1288. Quando l'amorosa Principessa seppe che Gesù
permetteva l'ingresso nel carcere a quei vilissimi malfattori, pianse
amaramente per quanto stava per accadere. Prevedendo i perversi
propositi di Lucifero, fu molto prudente ad usare il suo potere regale e
ad impedire che si eseguisse contro il suo diletto qualche atto
indecoroso, come costui stava macchinando. Difatti, sebbene tutte le
azioni tramate fossero indegne e di somma irriverenza, in alcune vi
poteva concorrere minore decenza: queste erano quelle che il nemico
cercava di inculcare nelle guardie per provocare lo sdegno di Cristo,
quando vedeva che con le altre molestie intentate non era riuscito ad
irritare la sua mansuetudine. Furono talmente rare, ammirevoli, eroiche e
straordinarie le opere compiute da Maria in questa circostanza ed in
tutto il corso della passione, che non si possono giustamente riferire
né lodare, benché su tale argomento siano stati scritti molti libri: è
ineluttabile, allora, rimettere tutto ciò al tempo della visione
beatifica, perché è così sublime da non potersi narrare in questa vita.
1289. Quei ministri del peccato entrarono nel sotterraneo,
celebrando con ingiurie la festa che avevano deciso di fare tra
derisioni e beffe contro il Signore. Avvicinatisi a lui, incominciarono a
sputargli in faccia in modo nauseante, schernendolo e dandogli schiaffi
con incredibile sfacciataggine; ma egli non rispose né aprì bocca né
alzò lo sguardo, serbando sempre sul volto un'umile serenità. Quei
farabutti volevano obbligarlo a parlare oppure a fare qualcosa di
ridicolo o straordinario, al fine di avere ancora un'occasione per
appellarlo come stregone e burlarsi di lui. Allorché si accorsero invece
della sua imperturbabile mitezza, si lasciarono maggiormente irritare
dai diavoli: lo sciolsero dalla roccia a cui stava legato e lo posero in
mezzo alla prigione, bendandogli con un panno i santissimi occhi.
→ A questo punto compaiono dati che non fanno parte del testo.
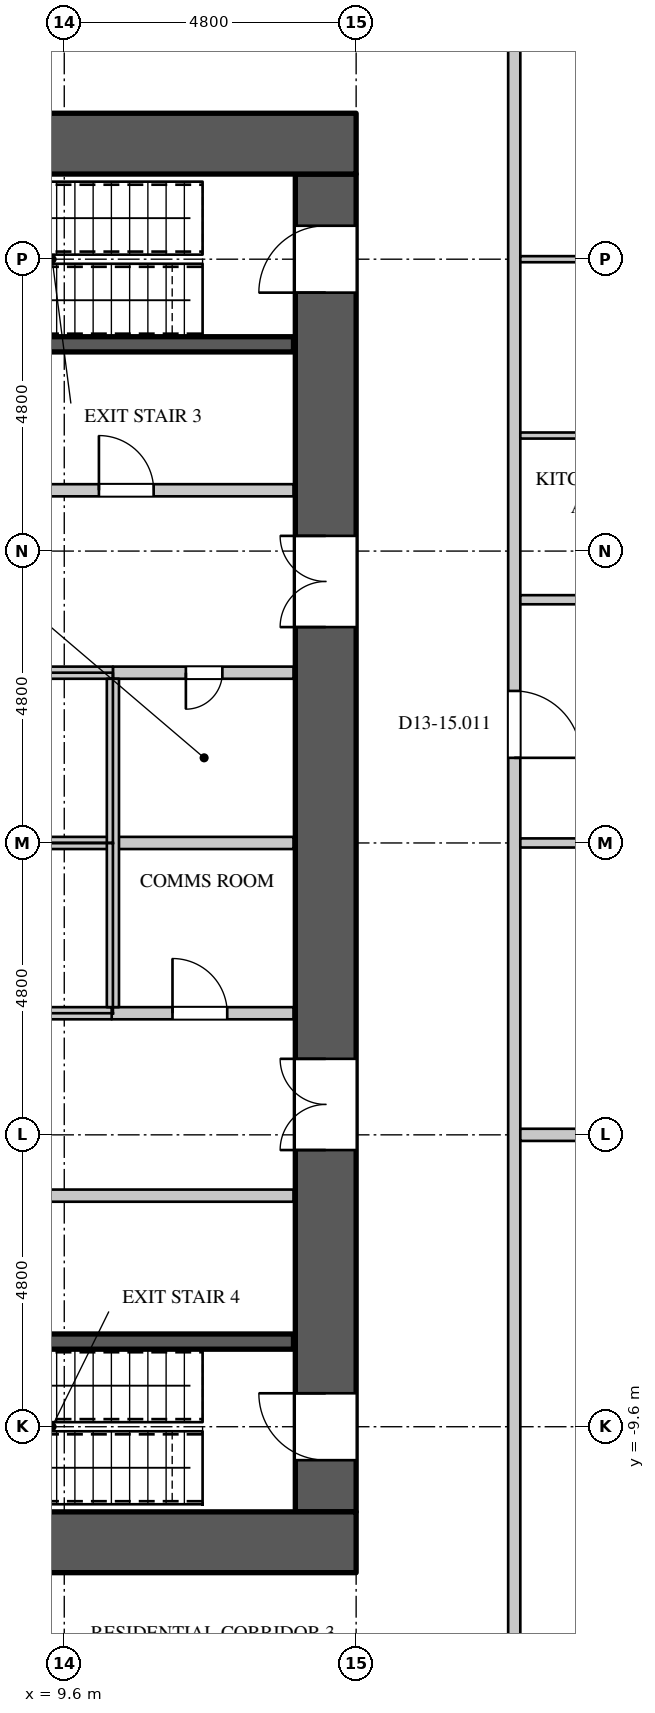
"""IFC4 building model, lengths in metres.
Left out: names, types, materials, properties, quantities, classifications, styles, units other than length and angle.
Written with IfcOpenShell. Run it as: python <this file> out.ifc"""

import sys

from ifc_helpers import new_model, si_unit, direction, frame, frame_2d, origin, place, context, subcontext, project, spatial, rectangle, extrude, element, fill, save


model = new_model("IFC4")
c1 = context("Model", 3, precision=1e-05, world=origin(), true_north=direction((0.0, 1.0)))
c2 = subcontext(c1, "Body", "Model", "MODEL_VIEW")
j1 = project(units=[si_unit("LENGTHUNIT", "METRE"), si_unit("PLANEANGLEUNIT", "RADIAN")], contexts=[c1])
p1 = place(None, origin())
s1 = spatial("IfcSite", under=j1, at=p1, CompositionType="ELEMENT")
p2 = place(p1, origin())
s2 = spatial("IfcBuilding", under=s1, at=p2, CompositionType="ELEMENT")
p3 = place(p2, frame((0.0, 0.0, 59.1)))
s3 = spatial("IfcBuildingStorey", under=s2, at=p3, CompositionType="ELEMENT", Elevation=59.1)
for number, where, z_axis, x_axis in (
    (1, (-14.4, 11.5, 0.0), (0.0, 0.0, 1.0), (1.0, 0.0, 0.0)),
    (2, (-14.4, -11.5, 0.0), (0.0, 0.0, 1.0), (1.0, 0.0, 0.0)),
):
    element("IfcWall", number, at=place(p3, frame(where, z_axis=z_axis, x_axis=x_axis)), inside=s3, PredefinedType="SHEAR", context=c2, shape_type="SweptSolid", body=[
        extrude(rectangle(XDim=28.8, YDim=1.0, at=frame_2d((14.4, 0.0))), origin(), (0.0, 0.0, 1.0), 4.2),
    ])
p4 = place(p3, frame((13.9, -11.0, 0.0), z_axis=(0.0, 0.0, 1.0), x_axis=(0.0, 1.0, 0.0)))
e3 = element("IfcWall", 3, at=p4, inside=s3, PredefinedType="SHEAR", context=c2, shape_type="SweptSolid", body=[
    extrude(rectangle(XDim=22.0, YDim=1.0, at=frame_2d((11.0, 0.0))), origin(), (0.0, 0.0, 1.0), 4.2),
])
p5 = place(p4, frame((20.05, 0.0, 0.0)))
e4 = element("IfcOpeningElement", 4, at=p5, cuts=e3, PredefinedType="OPENING", context=c2, shape_type="SweptSolid", body=[
    extrude(rectangle(XDim=1.1, YDim=2.2, at=frame_2d((0.55, 1.1))), frame((0.0, 0.51, 0.0), z_axis=(0.0, -1.0, 0.0), x_axis=(1.0, 0.0, 0.0)), (0.0, 0.0, 1.0), 1.02),
])
p6 = place(p4, frame((0.85, 0.0, 0.0)))
e5 = element("IfcOpeningElement", 5, at=p6, cuts=e3, PredefinedType="OPENING", context=c2, shape_type="SweptSolid", body=[
    extrude(rectangle(XDim=1.1, YDim=2.2, at=frame_2d((0.55, 1.1))), frame((0.0, 0.51, 0.0), z_axis=(0.0, -1.0, 0.0), x_axis=(1.0, 0.0, 0.0)), (0.0, 0.0, 1.0), 1.02),
])
p7 = place(p4, frame((14.55, 0.0, 0.0)))
e6 = element("IfcOpeningElement", 6, at=p7, cuts=e3, PredefinedType="OPENING", context=c2, shape_type="SweptSolid", body=[
    extrude(rectangle(XDim=1.5, YDim=2.4, at=frame_2d((0.75, 1.2))), frame((0.0, 0.51, 0.0), z_axis=(0.0, -1.0, 0.0), x_axis=(1.0, 0.0, 0.0)), (0.0, 0.0, 1.0), 1.02),
])
p8 = place(p4, frame((5.95, 0.0, 0.0)))
e7 = element("IfcOpeningElement", 7, at=p8, cuts=e3, PredefinedType="OPENING", context=c2, shape_type="SweptSolid", body=[
    extrude(rectangle(XDim=1.5, YDim=2.4, at=frame_2d((0.75, 1.2))), frame((0.0, 0.51, 0.0), z_axis=(0.0, -1.0, 0.0), x_axis=(1.0, 0.0, 0.0)), (0.0, 0.0, 1.0), 1.02),
])
p9 = place(p3, frame((-7.7, -5.8, 0.0), z_axis=(0.0, 0.0, 1.0), x_axis=(1.0, 0.0, 0.0)))
e8 = element("IfcWall", 8, at=p9, inside=s3, PredefinedType="PARTITIONING", context=c2, shape_type="SweptSolid", body=[
    extrude(rectangle(XDim=21.07, YDim=0.2, at=frame_2d((10.535, 0.0))), origin(), (0.0, 0.0, 1.0), 3.95),
])
p10 = place(p9, frame((5.25, 0.0, 0.0)))
e9 = element("IfcOpeningElement", 9, at=p10, cuts=e8, PredefinedType="OPENING", context=c2, shape_type="SweptSolid", body=[
    extrude(rectangle(XDim=0.9, YDim=2.2, at=frame_2d((0.45, 1.1))), frame((0.0, 0.11, 0.0), z_axis=(0.0, -1.0, 0.0), x_axis=(1.0, 0.0, 0.0)), (0.0, 0.0, 1.0), 0.22),
])
p11 = place(p9, frame((15.65, 0.0, 0.0)))
e10 = element("IfcOpeningElement", 10, at=p11, cuts=e8, PredefinedType="OPENING", context=c2, shape_type="SweptSolid", body=[
    extrude(rectangle(XDim=0.9, YDim=2.2, at=frame_2d((0.45, 1.1))), frame((0.0, 0.11, 0.0), z_axis=(0.0, -1.0, 0.0), x_axis=(1.0, 0.0, 0.0)), (0.0, 0.0, 1.0), 0.22),
])
p12 = place(p3, frame((7.82, 5.8, 0.0), z_axis=(0.0, 0.0, 1.0), x_axis=(1.0, 0.0, 0.0)))
e11 = element("IfcWall", 11, at=p12, inside=s3, PredefinedType="PARTITIONING", context=c2, shape_type="SweptSolid", body=[
    extrude(rectangle(XDim=5.55, YDim=0.2, at=frame_2d((2.775, 0.0))), origin(), (0.0, 0.0, 1.0), 3.95),
])
p13 = place(p12, frame((2.35, 0.0, 0.0)))
e12 = element("IfcOpeningElement", 12, at=p13, cuts=e11, PredefinedType="OPENING", context=c2, shape_type="SweptSolid", body=[
    extrude(rectangle(XDim=0.9, YDim=2.2, at=frame_2d((0.45, 1.1))), frame((0.0, 0.11, 0.0), z_axis=(0.0, -1.0, 0.0), x_axis=(1.0, 0.0, 0.0)), (0.0, 0.0, 1.0), 0.22),
])
p14 = place(p3, frame((17.0, -14.5, 0.0), z_axis=(0.0, 0.0, 1.0), x_axis=(0.0, 1.0, 0.0)))
e13 = element("IfcWall", 13, at=p14, inside=s3, PredefinedType="PARTITIONING", context=c2, shape_type="SweptSolid", body=[
    extrude(rectangle(XDim=29.0, YDim=0.2, at=frame_2d((14.5, 0.0))), origin(), (0.0, 0.0, 1.0), 3.95),
])
p15 = place(p14, frame((15.9, 0.0, 0.0)))
e14 = element("IfcOpeningElement", 14, at=p15, cuts=e13, PredefinedType="OPENING", context=c2, shape_type="SweptSolid", body=[
    extrude(rectangle(XDim=1.1, YDim=2.4, at=frame_2d((0.55, 1.2))), frame((0.0, 0.11, 0.0), z_axis=(0.0, -1.0, 0.0), x_axis=(1.0, 0.0, 0.0)), (0.0, 0.0, 1.0), 0.22),
])
p16 = place(p3, frame((16.02, -19.26, 0.0), z_axis=(0.0, 0.0, 1.0), x_axis=(0.707106781187, 0.707106781187, 0.0)))
e15 = element("IfcWall", 15, at=p16, inside=s3, PredefinedType="PARTITIONING", context=c2, shape_type="SweptSolid", body=[
    extrude(rectangle(XDim=10.229, YDim=0.15, at=frame_2d((5.114, 0.0))), origin(), (0.0, 0.0, 1.0), 3.95),
])
p17 = place(p16, frame((4.3, 0.0, 0.0)))
e16 = element("IfcOpeningElement", 16, at=p17, cuts=e15, PredefinedType="OPENING", context=c2, shape_type="SweptSolid", body=[
    extrude(rectangle(XDim=0.95, YDim=2.2, at=frame_2d((0.475, 1.1))), frame((0.0, 0.085, 0.0), z_axis=(0.0, -1.0, 0.0), x_axis=(1.0, 0.0, 0.0)), (0.0, 0.0, 1.0), 0.17),
])
p18 = place(p16, frame((0.6, 0.0, 0.0)))
e17 = element("IfcOpeningElement", 17, at=p18, cuts=e15, PredefinedType="OPENING", context=c2, shape_type="SweptSolid", body=[
    extrude(rectangle(XDim=0.95, YDim=2.2, at=frame_2d((0.475, 1.1))), frame((0.0, 0.085, 0.0), z_axis=(0.0, -1.0, 0.0), x_axis=(1.0, 0.0, 0.0)), (0.0, 0.0, 1.0), 0.17),
])
p19 = place(p16, frame((9.1, 0.0, 0.0)))
e18 = element("IfcOpeningElement", 18, at=p19, cuts=e15, PredefinedType="OPENING", context=c2, shape_type="SweptSolid", body=[
    extrude(rectangle(XDim=0.95, YDim=2.2, at=frame_2d((0.475, 1.1))), frame((0.0, 0.085, 0.0), z_axis=(0.0, -1.0, 0.0), x_axis=(1.0, 0.0, 0.0)), (0.0, 0.0, 1.0), 0.17),
])
p20 = place(p3, frame((17.1, 0.0, 0.0), z_axis=(0.0, 0.0, 1.0), x_axis=(1.0, 0.0, 0.0)))
e19 = element("IfcWall", 19, at=p20, inside=s3, PredefinedType="PARTITIONING", context=c2, shape_type="SweptSolid", body=[
    extrude(rectangle(XDim=11.755, YDim=0.15, at=frame_2d((5.877, 0.0))), origin(), (0.0, 0.0, 1.0), 3.95),
])
p21 = place(p20, frame((1.8, 0.0, 0.0)))
e20 = element("IfcOpeningElement", 20, at=p21, cuts=e19, PredefinedType="OPENING", context=c2, shape_type="SweptSolid", body=[
    extrude(rectangle(XDim=0.95, YDim=2.2, at=frame_2d((0.475, 1.1))), frame((0.0, 0.085, 0.0), z_axis=(0.0, -1.0, 0.0), x_axis=(1.0, 0.0, 0.0)), (0.0, 0.0, 1.0), 0.17),
])
p22 = place(p3, frame((17.1, 4.0, 0.0), z_axis=(0.0, 0.0, 1.0), x_axis=(1.0, 0.0, 0.0)))
e21 = element("IfcWall", 21, at=p22, inside=s3, PredefinedType="PARTITIONING", context=c2, shape_type="SweptSolid", body=[
    extrude(rectangle(XDim=4.625, YDim=0.15, at=frame_2d((2.312, 0.0))), origin(), (0.0, 0.0, 1.0), 3.95),
])
p23 = place(p22, frame((1.85, 0.0, 0.0)))
e22 = element("IfcOpeningElement", 22, at=p23, cuts=e21, PredefinedType="OPENING", context=c2, shape_type="SweptSolid", body=[
    extrude(rectangle(XDim=0.95, YDim=2.2, at=frame_2d((0.475, 1.1))), frame((0.0, 0.085, 0.0), z_axis=(0.0, -1.0, 0.0), x_axis=(1.0, 0.0, 0.0)), (0.0, 0.0, 1.0), 0.17),
])
p24 = place(p3, frame((17.499, 17.499, 0.0), z_axis=(0.0, 0.0, 1.0), x_axis=(0.707106781187, -0.707106781187, 0.0)))
e23 = element("IfcWall", 23, at=p24, inside=s3, PredefinedType="PARTITIONING", context=c2, shape_type="SweptSolid", body=[
    extrude(rectangle(XDim=7.855, YDim=0.15, at=frame_2d((3.927, 0.0))), origin(), (0.0, 0.0, 1.0), 3.95),
])
p25 = place(p24, frame((6.7, 0.0, 0.0)))
e24 = element("IfcOpeningElement", 24, at=p25, cuts=e23, PredefinedType="OPENING", context=c2, shape_type="SweptSolid", body=[
    extrude(rectangle(XDim=0.95, YDim=2.2, at=frame_2d((0.475, 1.1))), frame((0.0, 0.085, 0.0), z_axis=(0.0, -1.0, 0.0), x_axis=(1.0, 0.0, 0.0)), (0.0, 0.0, 1.0), 0.17),
])
p26 = place(p24, frame((2.1, 0.0, 0.0)))
e25 = element("IfcOpeningElement", 25, at=p26, cuts=e23, PredefinedType="OPENING", context=c2, shape_type="SweptSolid", body=[
    extrude(rectangle(XDim=0.95, YDim=2.2, at=frame_2d((0.475, 1.1))), frame((0.0, 0.085, 0.0), z_axis=(0.0, -1.0, 0.0), x_axis=(1.0, 0.0, 0.0)), (0.0, 0.0, 1.0), 0.17),
])
p27 = place(p3, frame((17.1, -4.8, 0.0), z_axis=(0.0, 0.0, 1.0), x_axis=(1.0, 0.0, 0.0)))
e26 = element("IfcWall", 26, at=p27, inside=s3, PredefinedType="PARTITIONING", context=c2, shape_type="SweptSolid", body=[
    extrude(rectangle(XDim=10.8, YDim=0.2, at=frame_2d((5.4, 0.0))), origin(), (0.0, 0.0, 1.0), 3.25),
])
p28 = place(p3, frame((10.38, -2.8, 0.0), z_axis=(0.0, 0.0, 1.0), x_axis=(1.0, 0.0, 0.0)))
e27 = element("IfcWall", 27, at=p28, inside=s3, PredefinedType="PARTITIONING", context=c2, shape_type="SweptSolid", body=[
    extrude(rectangle(XDim=2.99, YDim=0.2, at=frame_2d((1.495, 0.0))), origin(), (0.0, 0.0, 1.0), 3.95),
])
p29 = place(p28, frame((1.0, 0.0, 0.0)))
e28 = element("IfcOpeningElement", 28, at=p29, cuts=e27, PredefinedType="OPENING", context=c2, shape_type="SweptSolid", body=[
    extrude(rectangle(XDim=0.9, YDim=2.2, at=frame_2d((0.45, 1.1))), frame((0.0, 0.11, 0.0), z_axis=(0.0, -1.0, 0.0), x_axis=(1.0, 0.0, 0.0)), (0.0, 0.0, 1.0), 0.22),
])
p30 = place(p3, frame((10.4, 2.8, 0.0), z_axis=(0.0, 0.0, 1.0), x_axis=(1.0, 0.0, 0.0)))
e29 = element("IfcWall", 29, at=p30, inside=s3, PredefinedType="PARTITIONING", context=c2, shape_type="SweptSolid", body=[
    extrude(rectangle(XDim=2.97, YDim=0.2, at=frame_2d((1.485, 0.0))), origin(), (0.0, 0.0, 1.0), 3.95),
])
p31 = place(p30, frame((1.2, 0.0, 0.0)))
e30 = element("IfcOpeningElement", 30, at=p31, cuts=e29, PredefinedType="OPENING", context=c2, shape_type="SweptSolid", body=[
    extrude(rectangle(XDim=0.6, YDim=2.0, at=frame_2d((0.3, 1.0))), frame((0.0, 0.11, 0.0), z_axis=(0.0, -1.0, 0.0), x_axis=(1.0, 0.0, 0.0)), (0.0, 0.0, 1.0), 0.22),
])
p32 = place(p3, frame((10.4, 0.0, 0.0), z_axis=(0.0, 0.0, 1.0), x_axis=(1.0, 0.0, 0.0)))
e31 = element("IfcWall", 31, at=p32, inside=s3, PredefinedType="PARTITIONING", context=c2, shape_type="SweptSolid", body=[
    extrude(rectangle(XDim=2.97, YDim=0.2, at=frame_2d((1.485, 0.0))), origin(), (0.0, 0.0, 1.0), 3.95),
])
p33 = place(p3, frame((-13.37, 0.0, 0.0), z_axis=(0.0, 0.0, 1.0), x_axis=(1.0, 0.0, 0.0)))
e32 = element("IfcWall", 32, at=p33, inside=s3, PredefinedType="PARTITIONING", context=c2, shape_type="SweptSolid", body=[
    extrude(rectangle(XDim=23.77, YDim=0.2, at=frame_2d((11.885, 0.0))), origin(), (0.0, 0.0, 1.0), 3.95),
])
p34 = place(p3, frame((-13.37, 2.8, 0.0), z_axis=(0.0, 0.0, 1.0), x_axis=(1.0, 0.0, 0.0)))
e33 = element("IfcWall", 33, at=p34, inside=s3, PredefinedType="PARTITIONING", context=c2, shape_type="SweptSolid", body=[
    extrude(rectangle(XDim=23.77, YDim=0.2, at=frame_2d((11.885, 0.0))), origin(), (0.0, 0.0, 1.0), 3.95),
])
p35 = place(p34, frame((0.9, 0.0, 0.0)))
e34 = element("IfcOpeningElement", 34, at=p35, cuts=e33, PredefinedType="OPENING", context=c2, shape_type="SweptSolid", body=[
    extrude(rectangle(XDim=1.1, YDim=2.2, at=frame_2d((0.55, 1.1))), frame((0.0, 0.11, 0.0), z_axis=(0.0, -1.0, 0.0), x_axis=(1.0, 0.0, 0.0)), (0.0, 0.0, 1.0), 0.22),
])
p36 = place(p34, frame((3.7, 0.0, 0.0)))
e35 = element("IfcOpeningElement", 35, at=p36, cuts=e33, PredefinedType="OPENING", context=c2, shape_type="SweptSolid", body=[
    extrude(rectangle(XDim=1.1, YDim=2.2, at=frame_2d((0.55, 1.1))), frame((0.0, 0.11, 0.0), z_axis=(0.0, -1.0, 0.0), x_axis=(1.0, 0.0, 0.0)), (0.0, 0.0, 1.0), 0.22),
])
p37 = place(p34, frame((6.3, 0.0, 0.0)))
e36 = element("IfcOpeningElement", 36, at=p37, cuts=e33, PredefinedType="OPENING", context=c2, shape_type="SweptSolid", body=[
    extrude(rectangle(XDim=1.1, YDim=2.2, at=frame_2d((0.55, 1.1))), frame((0.0, 0.11, 0.0), z_axis=(0.0, -1.0, 0.0), x_axis=(1.0, 0.0, 0.0)), (0.0, 0.0, 1.0), 0.22),
])
p38 = place(p34, frame((8.9, 0.0, 0.0)))
e37 = element("IfcOpeningElement", 37, at=p38, cuts=e33, PredefinedType="OPENING", context=c2, shape_type="SweptSolid", body=[
    extrude(rectangle(XDim=1.1, YDim=2.2, at=frame_2d((0.55, 1.1))), frame((0.0, 0.11, 0.0), z_axis=(0.0, -1.0, 0.0), x_axis=(1.0, 0.0, 0.0)), (0.0, 0.0, 1.0), 0.22),
])
p39 = place(p34, frame((11.5, 0.0, 0.0)))
e38 = element("IfcOpeningElement", 38, at=p39, cuts=e33, PredefinedType="OPENING", context=c2, shape_type="SweptSolid", body=[
    extrude(rectangle(XDim=1.1, YDim=2.2, at=frame_2d((0.55, 1.1))), frame((0.0, 0.11, 0.0), z_axis=(0.0, -1.0, 0.0), x_axis=(1.0, 0.0, 0.0)), (0.0, 0.0, 1.0), 0.22),
])
p40 = place(p34, frame((14.1, 0.0, 0.0)))
e39 = element("IfcOpeningElement", 39, at=p40, cuts=e33, PredefinedType="OPENING", context=c2, shape_type="SweptSolid", body=[
    extrude(rectangle(XDim=1.1, YDim=2.2, at=frame_2d((0.55, 1.1))), frame((0.0, 0.11, 0.0), z_axis=(0.0, -1.0, 0.0), x_axis=(1.0, 0.0, 0.0)), (0.0, 0.0, 1.0), 0.22),
])
p41 = place(p34, frame((16.7, 0.0, 0.0)))
e40 = element("IfcOpeningElement", 40, at=p41, cuts=e33, PredefinedType="OPENING", context=c2, shape_type="SweptSolid", body=[
    extrude(rectangle(XDim=1.1, YDim=2.2, at=frame_2d((0.55, 1.1))), frame((0.0, 0.11, 0.0), z_axis=(0.0, -1.0, 0.0), x_axis=(1.0, 0.0, 0.0)), (0.0, 0.0, 1.0), 0.22),
])
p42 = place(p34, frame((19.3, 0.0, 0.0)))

Accerchiatolo incominciarono uno dopo l'altro a percuoterlo con pugni
sotto il mento e schiaffi, chiedendogli di indovinare chi fosse colui
che lo aveva colpito; ciascuno faceva a gara per superare gli altri
nelle derisioni e nelle bestemmie. In quest'occasione, essi
pronunciarono parole blasfeme ancor più fieramente che alla presenza di
Anna.
1290. Alla pioggia di obbrobri il mansuetissimo Agnello non
ribatteva. Frattanto, satana bramava che facesse qualche gesto contro
la pazienza, crucciandosi nel vedere come questa virtù rimanesse
immutabile in lui. Infuse, allora, nell'immaginazione di quei suoi amici
l'infernale decisione di spogliarlo di tutte le vesti e di trattarlo
come aveva escogitato nella sua esecrabile mente. A questa suggestione
quegli iniqui non fecero resistenza, risolvendo di concretizzarla
subito. La prudentissima Vergine con preghiere, lacrime e sospiri e con
l'autorità di regina impedì l'abominevole sacrilegio, implorando il
Padre che non concorresse con le cause seconde in tali azioni
delittuose. Ingiunse così a quei ministri di empietà di non usare la
loro forza naturale per effettuare quanto avevano ordito e, per questa
potenza, essi non poterono realizzare niente di ciò che il serpente con
la sua malizia aveva loro suggerito, poiché dimenticavano immediatamente
molte cose che desideravano fare tralasciandone altre, e rimanevano con
le braccia irrigidite sino a quando non ritrattavano la loro perversa
iniziativa. Nel desistere ritornavano nello stato normale, perché quel
miracolo non era compiuto per castigarli, ma solo per impedire gli atti
più ignobili; infatti, era loro consentito di eseguire solamente le
irriverenze che rientravano nel beneplacito superno.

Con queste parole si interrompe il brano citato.